With his brusque manner and all-to-direct questions, it doesn't take long for Turner to get right up the noses of those involved, especially the head of embassy security, Rawley Bradfield. He also attracts unwanted attention from Ludwig Siebkron, head of the German Interior Ministry.
Was Harting a hard-working office drone? A bit of a lad who liked the occasional foray into Cologne's night life? A manipulative master of misdirection? A true believer working against American and British interests? As Turner discovers the truth is, as ever, more complicated that anyone suspects.
I listened to this for a diversion during a long commute. It's a time capsule, with the style and attitudes pretty much what one would expect of that era. Hepton and Haigh were good in their roles. The setting may be of added interest if one is familiar with Bonn and Bad Godesberg.
"Good but not classic Le Carre"
Le Carre is a consistently adept storyteller and his earlier novels now have the added appeal of nostalgia, in this case the civil unrest of the late 1960s.
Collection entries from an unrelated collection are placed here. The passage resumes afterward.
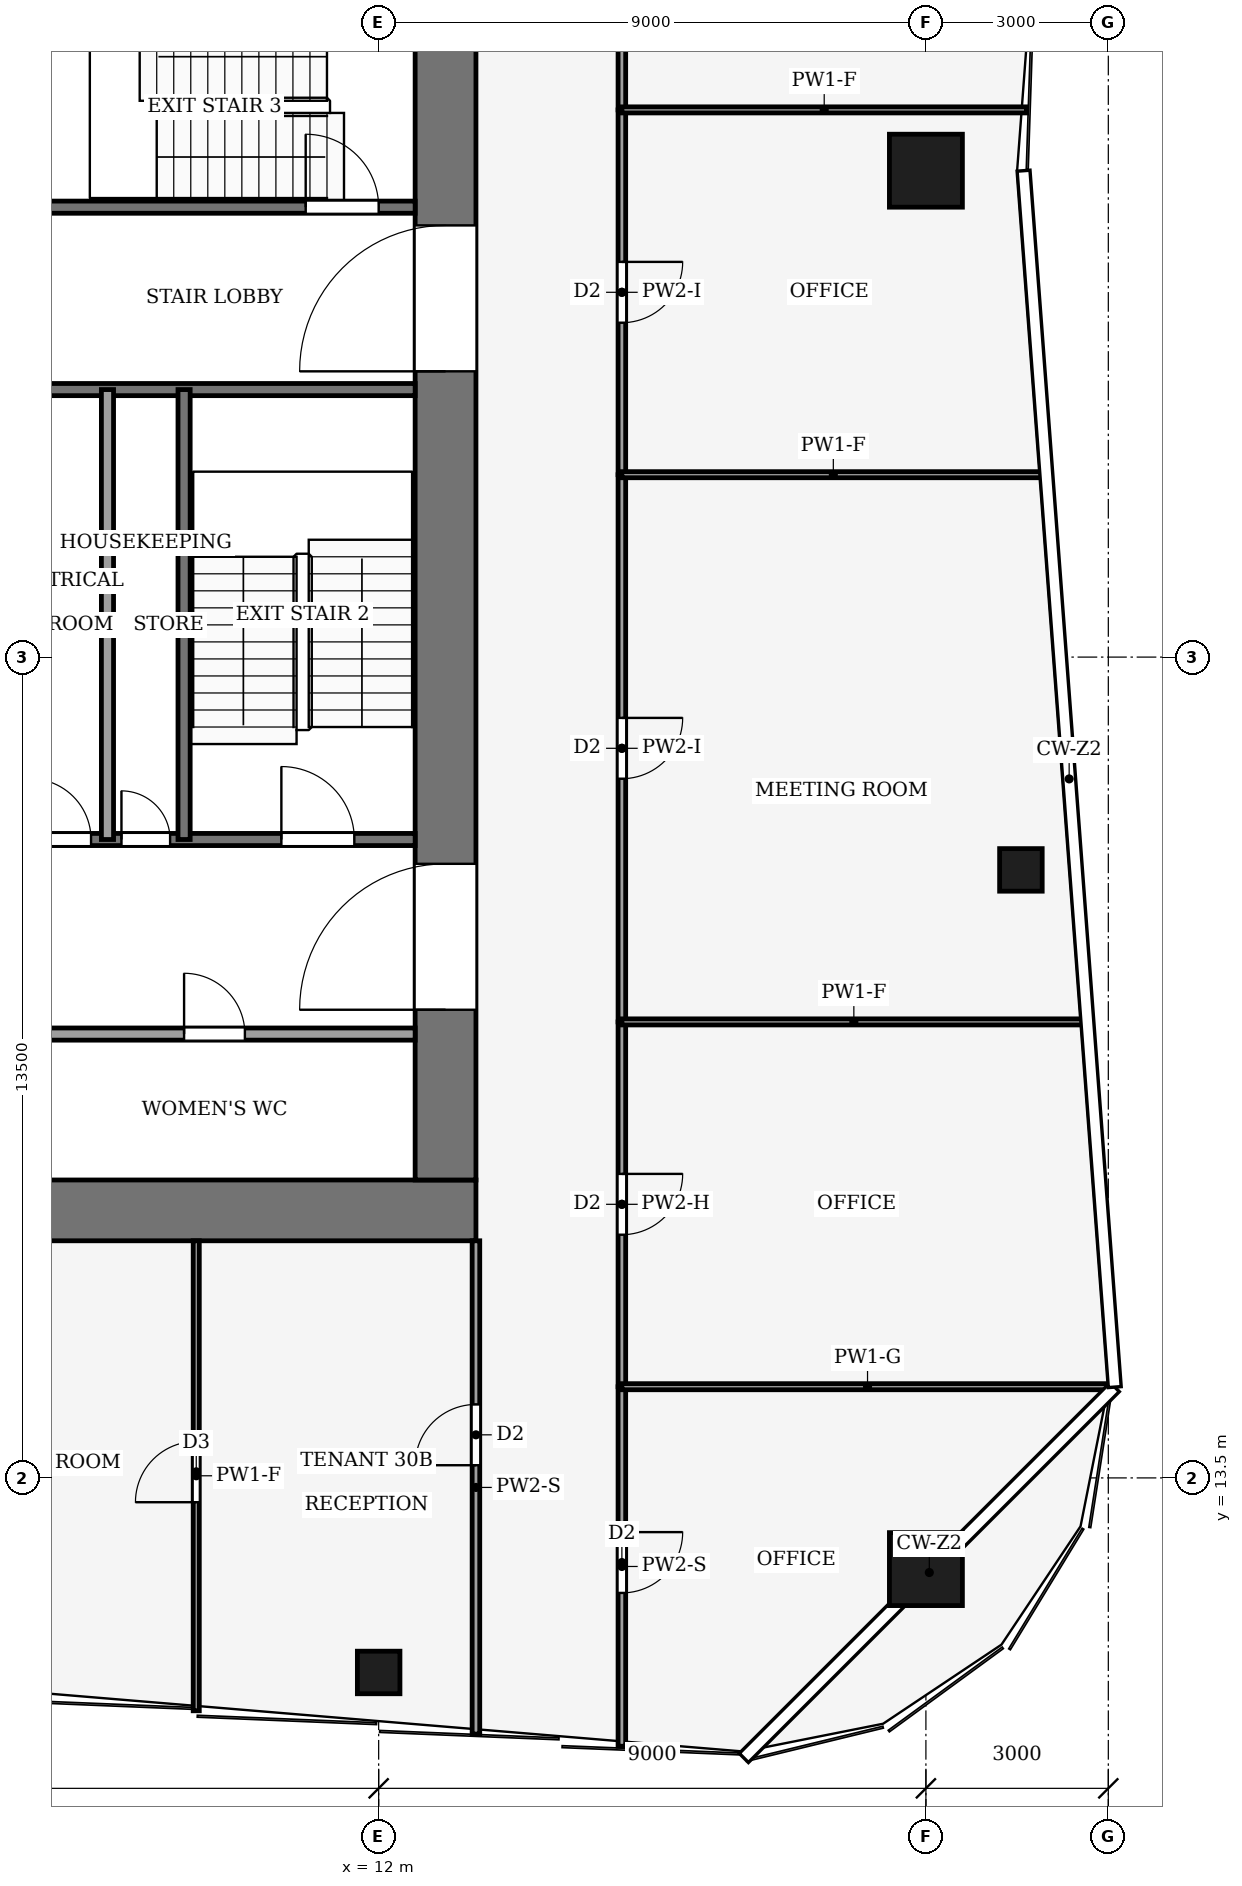
"""IFC4 building model, lengths in metres.
Left out: names, types, materials, properties, quantities, classifications, styles, units other than length and angle.
Written with IfcOpenShell. Run it as: python <this file> out.ifc"""

import sys

from ifc_helpers import new_model, si_unit, direction, frame, frame_2d, origin, origin_2d, place, context, subcontext, project, spatial, rectangle, hollow_rectangle, extrude, element, fill, save


model = new_model("IFC4")
c1 = context("Model", 3, precision=1e-05, world=origin(), true_north=direction((0.0, 1.0)))
c2 = subcontext(c1, "Body", "Model", "MODEL_VIEW")
j1 = project(units=[si_unit("LENGTHUNIT", "METRE"), si_unit("PLANEANGLEUNIT", "RADIAN")], contexts=[c1])
p1 = place(None, origin())
s1 = spatial("IfcSite", under=j1, at=p1, CompositionType="ELEMENT")
p2 = place(p1, origin())
s2 = spatial("IfcBuilding", under=s1, at=p2, CompositionType="ELEMENT")
p3 = place(p2, frame((0.0, 0.0, 134.0)))
s3 = spatial("IfcBuildingStorey", under=s2, at=p3, CompositionType="ELEMENT", Elevation=134.0)
p4 = place(p3, frame((-13.6, 17.9, -0.13), z_axis=(0.0, 0.0, 1.0), x_axis=(1.0, 0.0, 0.0)))
e1 = element("IfcWall", 1, at=p4, inside=s3, PredefinedType="SHEAR", context=c2, shape_type="SweptSolid", body=[
    extrude(rectangle(XDim=27.2, YDim=1.0, at=frame_2d((13.6, 0.0))), origin(), (0.0, 0.0, 1.0), 4.0),
])
p5 = place(p3, frame((13.1, 18.4, -0.13), z_axis=(0.0, 0.0, 1.0), x_axis=(0.0, 1.0, 0.0)))
e2 = element("IfcWall", 2, at=p5, inside=s3, PredefinedType="SHEAR", context=c2, shape_type="SweptSolid", body=[
    extrude(rectangle(XDim=19.2, YDim=1.0, at=frame_2d((9.6, 0.0))), origin(), (0.0, 0.0, 1.0), 4.0),
])
p6 = place(p5, frame((2.8, 0.0, 0.13)))
e3 = element("IfcOpeningElement", 3, at=p6, cuts=e2, PredefinedType="OPENING", context=c2, shape_type="SweptSolid", body=[
    extrude(rectangle(XDim=2.4, YDim=2.4, at=frame_2d((1.2, 1.2))), frame((0.0, 0.51, 0.0), z_axis=(0.0, -1.0, 0.0), x_axis=(1.0, 0.0, 0.0)), (0.0, 0.0, 1.0), 1.02),
])
p7 = place(p5, frame((13.3, 0.0, 0.13)))
e4 = element("IfcOpeningElement", 4, at=p7, cuts=e2, PredefinedType="OPENING", context=c2, shape_type="SweptSolid", body=[
    extrude(rectangle(XDim=2.4, YDim=2.4, at=frame_2d((1.2, 1.2))), frame((0.0, 0.51, 0.0), z_axis=(0.0, -1.0, 0.0), x_axis=(1.0, 0.0, 0.0)), (0.0, 0.0, 1.0), 1.02),
])
for number, where, z_axis, x_axis in (
    (5, (21.0, 35.0, 0.0), (0.0, 0.0, 1.0), (1.0, 0.0, 0.0)),
    (6, (21.0, 12.0, 0.0), (0.0, 0.0, 1.0), (1.0, 0.0, 0.0)),
):
    element("IfcColumn", number, at=place(p3, frame(where, z_axis=z_axis, x_axis=x_axis)), inside=s3, PredefinedType="COLUMN", context=c2, shape_type="SweptSolid", body=[
        extrude(hollow_rectangle(XDim=1.2, YDim=1.2, WallThickness=0.07, at=origin_2d()), origin(), (0.0, 0.0, 1.0), 4.0),
    ])
for number, where, z_axis, x_axis in (
    (7, (12.0, 10.3, 0.0), (0.0, 0.0, 1.0), (1.0, 0.0, 0.0)),
    (8, (22.562, 23.5, 0.0), (0.0, 0.0, 1.0), (1.0, 0.0, 0.0)),
):
    element("IfcColumn", number, at=place(p3, frame(where, z_axis=z_axis, x_axis=x_axis)), inside=s3, PredefinedType="COLUMN", context=c2, shape_type="SweptSolid", body=[
        extrude(hollow_rectangle(XDim=0.7, YDim=0.7, WallThickness=0.03, at=origin_2d()), origin(), (0.0, 0.0, 1.0), 4.0),
    ])
p8 = place(p3, frame((6.0, 20.8, 0.0), z_axis=(0.0, 0.0, 1.0), x_axis=(1.0, 0.0, 0.0)))
e9 = element("IfcWall", 9, at=p8, inside=s3, PredefinedType="PARTITIONING", context=c2, shape_type="SweptSolid", body=[
    extrude(rectangle(XDim=6.6, YDim=0.2, at=frame_2d((3.3, 0.0))), origin(), (0.0, 0.0, 1.0), 3.87),
])
p9 = place(p8, frame((2.8, 0.0, 0.0)))
e10 = element("IfcOpeningElement", 10, at=p9, cuts=e9, PredefinedType="OPENING", context=c2, shape_type="SweptSolid", body=[
    extrude(rectangle(XDim=1.0, YDim=2.1, at=frame_2d((0.5, 1.05))), frame((0.0, 0.11, 0.0), z_axis=(0.0, -1.0, 0.0), x_axis=(1.0, 0.0, 0.0)), (0.0, 0.0, 1.0), 0.22),
])
p10 = place(p3, frame((6.0, 24.0, 0.0), z_axis=(0.0, 0.0, 1.0), x_axis=(1.0, 0.0, 0.0)))
e11 = element("IfcWall", 11, at=p10, inside=s3, PredefinedType="PARTITIONING", context=c2, shape_type="SweptSolid", body=[
    extrude(rectangle(XDim=6.6, YDim=0.2, at=frame_2d((3.3, 0.0))), origin(), (0.0, 0.0, 1.0), 3.87),
])
p11 = place(p10, frame((0.27, 0.0, 0.0)))
e12 = element("IfcOpeningElement", 12, at=p11, cuts=e11, PredefinedType="OPENING", context=c2, shape_type="SweptSolid", body=[
    extrude(rectangle(XDim=1.0, YDim=2.1, at=frame_2d((0.5, 1.05))), frame((0.0, 0.11, 0.0), z_axis=(0.0, -1.0, 0.0), x_axis=(1.0, 0.0, 0.0)), (0.0, 0.0, 1.0), 0.22),
])
p12 = place(p10, frame((1.77, 0.0, 0.0)))
e13 = element("IfcOpeningElement", 13, at=p12, cuts=e11, PredefinedType="OPENING", context=c2, shape_type="SweptSolid", body=[
    extrude(rectangle(XDim=0.8, YDim=2.1, at=frame_2d((0.4, 1.05))), frame((0.0, 0.11, 0.0), z_axis=(0.0, -1.0, 0.0), x_axis=(1.0, 0.0, 0.0)), (0.0, 0.0, 1.0), 0.22),
])
p13 = place(p10, frame((4.4, 0.0, 0.0)))
e14 = element("IfcOpeningElement", 14, at=p13, cuts=e11, PredefinedType="OPENING", context=c2, shape_type="SweptSolid", body=[
    extrude(rectangle(XDim=1.2, YDim=2.2, at=frame_2d((0.6, 1.1))), frame((0.0, 0.11, 0.0), z_axis=(0.0, -1.0, 0.0), x_axis=(1.0, 0.0, 0.0)), (0.0, 0.0, 1.0), 0.22),
])
p14 = place(p3, frame((6.0, 31.4, 0.0), z_axis=(0.0, 0.0, 1.0), x_axis=(1.0, 0.0, 0.0)))
e15 = element("IfcWall", 15, at=p14, inside=s3, PredefinedType="PARTITIONING", context=c2, shape_type="SweptSolid", body=[
    extrude(rectangle(XDim=6.6, YDim=0.2, at=frame_2d((3.3, 0.0))), origin(), (0.0, 0.0, 1.0), 3.87),
])
p15 = place(p3, frame((6.0, 34.4, 0.0), z_axis=(0.0, 0.0, 1.0), x_axis=(1.0, 0.0, 0.0)))
e16 = element("IfcWall", 16, at=p15, inside=s3, PredefinedType="PARTITIONING", context=c2, shape_type="SweptSolid", body=[
    extrude(rectangle(XDim=6.6, YDim=0.2, at=frame_2d((3.3, 0.0))), origin(), (0.0, 0.0, 1.0), 3.87),
])
p16 = place(p15, frame((4.8, 0.0, 0.0)))
e17 = element("IfcOpeningElement", 17, at=p16, cuts=e16, PredefinedType="OPENING", context=c2, shape_type="SweptSolid", body=[
    extrude(rectangle(XDim=1.2, YDim=2.2, at=frame_2d((0.6, 1.1))), frame((0.0, 0.11, 0.0), z_axis=(0.0, -1.0, 0.0), x_axis=(1.0, 0.0, 0.0)), (0.0, 0.0, 1.0), 0.22),
])
for number, where, z_axis, x_axis in (
    (18, (7.54, 24.0, 0.0), (0.0, 0.0, 1.0), (0.0, 1.0, 0.0)),
    (19, (8.8, 24.0, 0.0), (0.0, 0.0, 1.0), (0.0, 1.0, 0.0)),
):
    element("IfcWall", number, at=place(p3, frame(where, z_axis=z_axis, x_axis=x_axis)), inside=s3, PredefinedType="PARTITIONING", context=c2, shape_type="SweptSolid", body=[
        extrude(rectangle(XDim=7.4, YDim=0.2, at=frame_2d((3.7, 0.0))), origin(), (0.0, 0.0, 1.0), 3.87),
    ])
p17 = place(p3, frame((16.0, 15.0, 0.0), z_axis=(0.0, 0.0, 1.0), x_axis=(0.0, -1.0, 0.0)))
e20 = element("IfcWall", 20, at=p17, inside=s3, PredefinedType="PARTITIONING", context=c2, shape_type="SweptSolid", body=[
    extrude(rectangle(XDim=5.913, YDim=0.125, at=frame_2d((2.957, 0.0))), origin(), (0.0, 0.0, 1.0), 3.04),
])
p18 = place(p17, frame((2.392, 0.0, 0.0)))
e21 = element("IfcOpeningElement", 21, at=p18, cuts=e20, PredefinedType="OPENING", context=c2, shape_type="SweptSolid", body=[
    extrude(rectangle(XDim=1.0, YDim=2.1, at=frame_2d((0.5, 1.05))), frame((0.0, 0.073, 0.0), z_axis=(0.0, -1.0, 0.0), x_axis=(1.0, 0.0, 0.0)), (0.0, 0.0, 1.0), 0.145),
])
p19 = place(p3, frame((16.0, 21.0, 0.0), z_axis=(0.0, 0.0, 1.0), x_axis=(0.0, -1.0, 0.0)))
e22 = element("IfcWall", 22, at=p19, inside=s3, PredefinedType="PARTITIONING", context=c2, shape_type="SweptSolid", body=[
    extrude(rectangle(XDim=6.0, YDim=0.125, at=frame_2d((3.0, 0.0))), origin(), (0.0, 0.0, 1.0), 3.14),
])
p20 = place(p19, frame((2.5, 0.0, 0.0)))
e23 = element("IfcOpeningElement", 23, at=p20, cuts=e22, PredefinedType="OPENING", context=c2, shape_type="SweptSolid", body=[
    extrude(rectangle(XDim=1.0, YDim=2.1, at=frame_2d((0.5, 1.05))), frame((0.0, 0.073, 0.0), z_axis=(0.0, -1.0, 0.0), x_axis=(1.0, 0.0, 0.0)), (0.0, 0.0, 1.0), 0.145),
])
p21 = place(p3, frame((16.0, 30.0, 0.0), z_axis=(0.0, 0.0, 1.0), x_axis=(0.0, -1.0, 0.0)))
e24 = element("IfcWall", 24, at=p21, inside=s3, PredefinedType="PARTITIONING", context=c2, shape_type="SweptSolid", body=[
    extrude(rectangle(XDim=9.0, YDim=0.125, at=frame_2d((4.5, 0.0))), origin(), (0.0, 0.0, 1.0), 3.48),
])
p22 = place(p21, frame((4.0, 0.0, 0.0)))
e25 = element("IfcOpeningElement", 25, at=p22, cuts=e24, PredefinedType="OPENING", context=c2, shape_type="SweptSolid", body=[
    extrude(rectangle(XDim=1.0, YDim=2.1, at=frame_2d((0.5, 1.05))), frame((0.0, 0.073, 0.0), z_axis=(0.0, -1.0, 0.0), x_axis=(1.0, 0.0, 0.0)), (0.0, 0.0, 1.0), 0.145),
])
p23 = place(p3, frame((16.0, 36.0, 0.0), z_axis=(0.0, 0.0, 1.0), x_axis=(0.0, -1.0, 0.0)))
e26 = element("IfcWall", 26, at=p23, inside=s3, PredefinedType="PARTITIONING", context=c2, shape_type="SweptSolid", body=[
    extrude(rectangle(XDim=6.0, YDim=0.125, at=frame_2d((3.0, 0.0))), origin(), (0.0, 0.0, 1.0), 3.48),
])
p24 = place(p23, frame((2.5, 0.0, 0.0)))
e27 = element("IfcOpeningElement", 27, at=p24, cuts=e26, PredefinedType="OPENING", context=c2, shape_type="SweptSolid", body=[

This dramatisation is unusual for a Le Carre spy story both in terms of its protagonist and adversary. The protagonist comes across as far more working class than the usual public school Le Carre spies and the adversary, a resurgent neo-Nazi group, is far less plausible than the Moscow Centre characters we are familiar with from the other novels. But it’s an engaging story and is well worth a listen.